Application of change of variables in $\mathbb{R}^2$

Question

In the context of a measure theory and integration couse the following exercise came up:

Let $$Q := (0,1) \times (0,1) \subset \mathbb{R}^2$$ and consider the map $$ f : Q \to \mathbb{R},\, (x,y) \mapsto \frac{1}{1 - xy}.$$

Assume that $f$ is Lebesgue-integrable and compute the value of the integral $$\int_{Q} f(x,y)\, d\lambda^2(x,y)$$ using the substitution (i.e. linear transformation)

$$\begin{pmatrix} x \\ y \end{pmatrix} = \frac{1}{\sqrt{2}}\begin{pmatrix} 1 & -1 \\ 1 & 1 \end{pmatrix} \begin{pmatrix} u \\ v \end{pmatrix}.$$

My first question is: how do you come up with that quite specific substitution?

The second question is about the solution to the problem that I actually received but did not fully comprehend since many steps have been omitted. According to the solution, the first thing one should have done there is to come up with the set $$Q' := \{ (u,v) \in \mathbb{R}^2 \vert 0 < u < \sqrt{2}, -\min(u, \sqrt{2} - u) < v < \min(u, \sqrt{2} - u)\}$$ quite magically $\textit{by definition}$ and then perform the relatively easy change of variables under the linear transformation $\phi : Q' \to Q$ given above. Hence, my second question: How to come up with the set $Q'$ analytically? In the solution it was introduced by definition 'falling from the sky'. Can one derive it in any way? I would have never arrived there frankly just by guessing. I heard that there might be a geometrical reason which is based on the rotation of the cube $Q$ but I couldn't read much sense into that.

Answer 1

Looking at $Q^{'}$ is just changing the perspective from the original cube to the square $Q$ as a set over the diagonal of the cube (of length $\sqrt{2}$) bounded by the graphs of two functions (the ones with the $\min$ in the defintion).
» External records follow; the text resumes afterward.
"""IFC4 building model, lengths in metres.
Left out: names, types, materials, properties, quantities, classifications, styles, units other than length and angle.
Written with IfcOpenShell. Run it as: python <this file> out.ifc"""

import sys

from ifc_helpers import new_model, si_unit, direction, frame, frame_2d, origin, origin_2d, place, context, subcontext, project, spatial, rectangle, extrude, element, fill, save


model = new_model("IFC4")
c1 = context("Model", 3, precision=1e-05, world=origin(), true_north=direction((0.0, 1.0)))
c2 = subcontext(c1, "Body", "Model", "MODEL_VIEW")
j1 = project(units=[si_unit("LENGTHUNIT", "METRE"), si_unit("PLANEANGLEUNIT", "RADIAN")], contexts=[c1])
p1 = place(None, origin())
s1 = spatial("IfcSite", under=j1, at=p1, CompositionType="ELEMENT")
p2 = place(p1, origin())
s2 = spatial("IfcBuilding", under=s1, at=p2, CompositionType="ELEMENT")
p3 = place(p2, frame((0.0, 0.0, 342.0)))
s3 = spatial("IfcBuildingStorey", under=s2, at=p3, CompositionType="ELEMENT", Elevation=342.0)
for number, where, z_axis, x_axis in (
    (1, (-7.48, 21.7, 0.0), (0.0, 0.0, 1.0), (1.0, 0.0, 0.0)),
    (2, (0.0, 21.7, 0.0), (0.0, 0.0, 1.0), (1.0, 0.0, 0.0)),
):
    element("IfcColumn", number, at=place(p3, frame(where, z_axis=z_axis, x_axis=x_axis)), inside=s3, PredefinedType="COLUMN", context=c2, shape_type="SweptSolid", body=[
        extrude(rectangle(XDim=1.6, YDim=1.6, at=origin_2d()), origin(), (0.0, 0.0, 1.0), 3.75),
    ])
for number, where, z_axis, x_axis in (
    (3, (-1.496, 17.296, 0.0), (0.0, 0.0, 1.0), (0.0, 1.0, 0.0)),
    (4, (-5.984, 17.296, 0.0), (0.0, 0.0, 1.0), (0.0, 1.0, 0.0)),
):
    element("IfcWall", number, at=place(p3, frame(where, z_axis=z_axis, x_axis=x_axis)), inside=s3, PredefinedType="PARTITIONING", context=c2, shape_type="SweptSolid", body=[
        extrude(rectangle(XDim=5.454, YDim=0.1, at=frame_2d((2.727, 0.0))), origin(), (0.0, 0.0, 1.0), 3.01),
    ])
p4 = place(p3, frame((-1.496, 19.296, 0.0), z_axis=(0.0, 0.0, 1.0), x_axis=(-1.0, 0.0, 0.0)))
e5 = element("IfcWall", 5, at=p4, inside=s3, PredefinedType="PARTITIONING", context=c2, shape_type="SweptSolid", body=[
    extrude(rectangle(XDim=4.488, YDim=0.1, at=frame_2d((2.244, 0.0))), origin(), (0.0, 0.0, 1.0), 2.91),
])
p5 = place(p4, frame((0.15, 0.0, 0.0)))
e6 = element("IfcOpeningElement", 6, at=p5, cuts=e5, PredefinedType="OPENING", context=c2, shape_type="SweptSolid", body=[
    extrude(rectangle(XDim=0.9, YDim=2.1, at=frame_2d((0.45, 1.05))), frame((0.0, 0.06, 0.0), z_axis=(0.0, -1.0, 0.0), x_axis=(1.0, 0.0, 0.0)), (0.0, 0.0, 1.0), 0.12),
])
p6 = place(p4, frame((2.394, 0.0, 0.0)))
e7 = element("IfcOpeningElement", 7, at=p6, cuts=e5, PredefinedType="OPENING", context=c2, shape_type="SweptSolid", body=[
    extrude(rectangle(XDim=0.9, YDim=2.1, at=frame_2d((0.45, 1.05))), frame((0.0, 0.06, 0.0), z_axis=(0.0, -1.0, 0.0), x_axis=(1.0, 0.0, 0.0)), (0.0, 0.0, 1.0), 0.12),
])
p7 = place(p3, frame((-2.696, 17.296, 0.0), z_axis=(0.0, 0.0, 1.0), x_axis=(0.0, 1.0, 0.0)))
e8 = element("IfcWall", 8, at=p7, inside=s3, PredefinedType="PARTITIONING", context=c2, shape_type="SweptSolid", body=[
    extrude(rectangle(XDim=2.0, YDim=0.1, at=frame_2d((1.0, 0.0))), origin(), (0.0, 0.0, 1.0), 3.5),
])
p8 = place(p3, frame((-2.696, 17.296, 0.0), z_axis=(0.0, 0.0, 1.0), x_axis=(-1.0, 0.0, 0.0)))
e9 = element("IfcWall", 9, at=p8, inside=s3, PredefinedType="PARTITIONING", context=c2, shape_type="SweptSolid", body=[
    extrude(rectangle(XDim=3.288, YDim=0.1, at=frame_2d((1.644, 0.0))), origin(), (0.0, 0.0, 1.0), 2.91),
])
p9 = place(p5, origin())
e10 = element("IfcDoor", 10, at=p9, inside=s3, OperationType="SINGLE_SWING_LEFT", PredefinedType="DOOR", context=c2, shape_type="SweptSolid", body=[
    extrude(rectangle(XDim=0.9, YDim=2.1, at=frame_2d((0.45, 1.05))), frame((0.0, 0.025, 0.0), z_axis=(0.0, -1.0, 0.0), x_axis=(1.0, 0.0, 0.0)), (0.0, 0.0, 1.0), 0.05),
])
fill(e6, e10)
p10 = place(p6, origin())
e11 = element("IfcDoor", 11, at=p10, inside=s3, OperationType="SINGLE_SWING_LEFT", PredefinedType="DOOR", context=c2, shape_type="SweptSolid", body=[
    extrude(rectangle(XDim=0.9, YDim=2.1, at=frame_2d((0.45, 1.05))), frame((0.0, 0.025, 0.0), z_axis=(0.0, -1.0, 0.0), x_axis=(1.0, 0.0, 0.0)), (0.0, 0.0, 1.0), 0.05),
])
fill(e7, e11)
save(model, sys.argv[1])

The linear transformation is just a stretched rotation which moves the $x$ axis into the diagonal of the original square. (It has the additional nice property of transforming $xy$ into $(u^2-v^2)/2$)

Answer 2

A general rotation matrix in $\mathbb{R}^2$ is given by $\begin{pmatrix} \cos(\theta) & -\sin(\theta) \\ \sin(\theta) & \cos(\theta) \end{pmatrix}$. For $\theta = \frac{\pi}{4}$ we get exactly your matrix above. So the transformation is a rotation of $45°$ of some cube $Q'$ to the cube $Q := (0,1) \times (0,1) \subset \mathbb{R}^2$. Now we have to write down the set $Q'$. When you draw a picture like then you can define $Q'$ and it is exactly $Q' = \{ (u,v) \in \mathbb{R}^2 \vert 0 < u < \sqrt{2}, -\min(u, \sqrt{2} - u) < v < \min(u, \sqrt{2} - u)\}$ like stated.

The good thing about the above transformation is, that the matrix is orthogonal with determinant 1. So when you transform the integral there is no strange determinant term so can ignore it. on the other hand $xy=(\frac{1}{\sqrt{2}}u-\frac{1}{\sqrt{2}}v)(\frac{1}{\sqrt{2}}u+\frac{1}{\sqrt{2}}v)=\frac{1}{2}(u^2+v^2)$ so you have no product of different variables which makes the integrand more handy.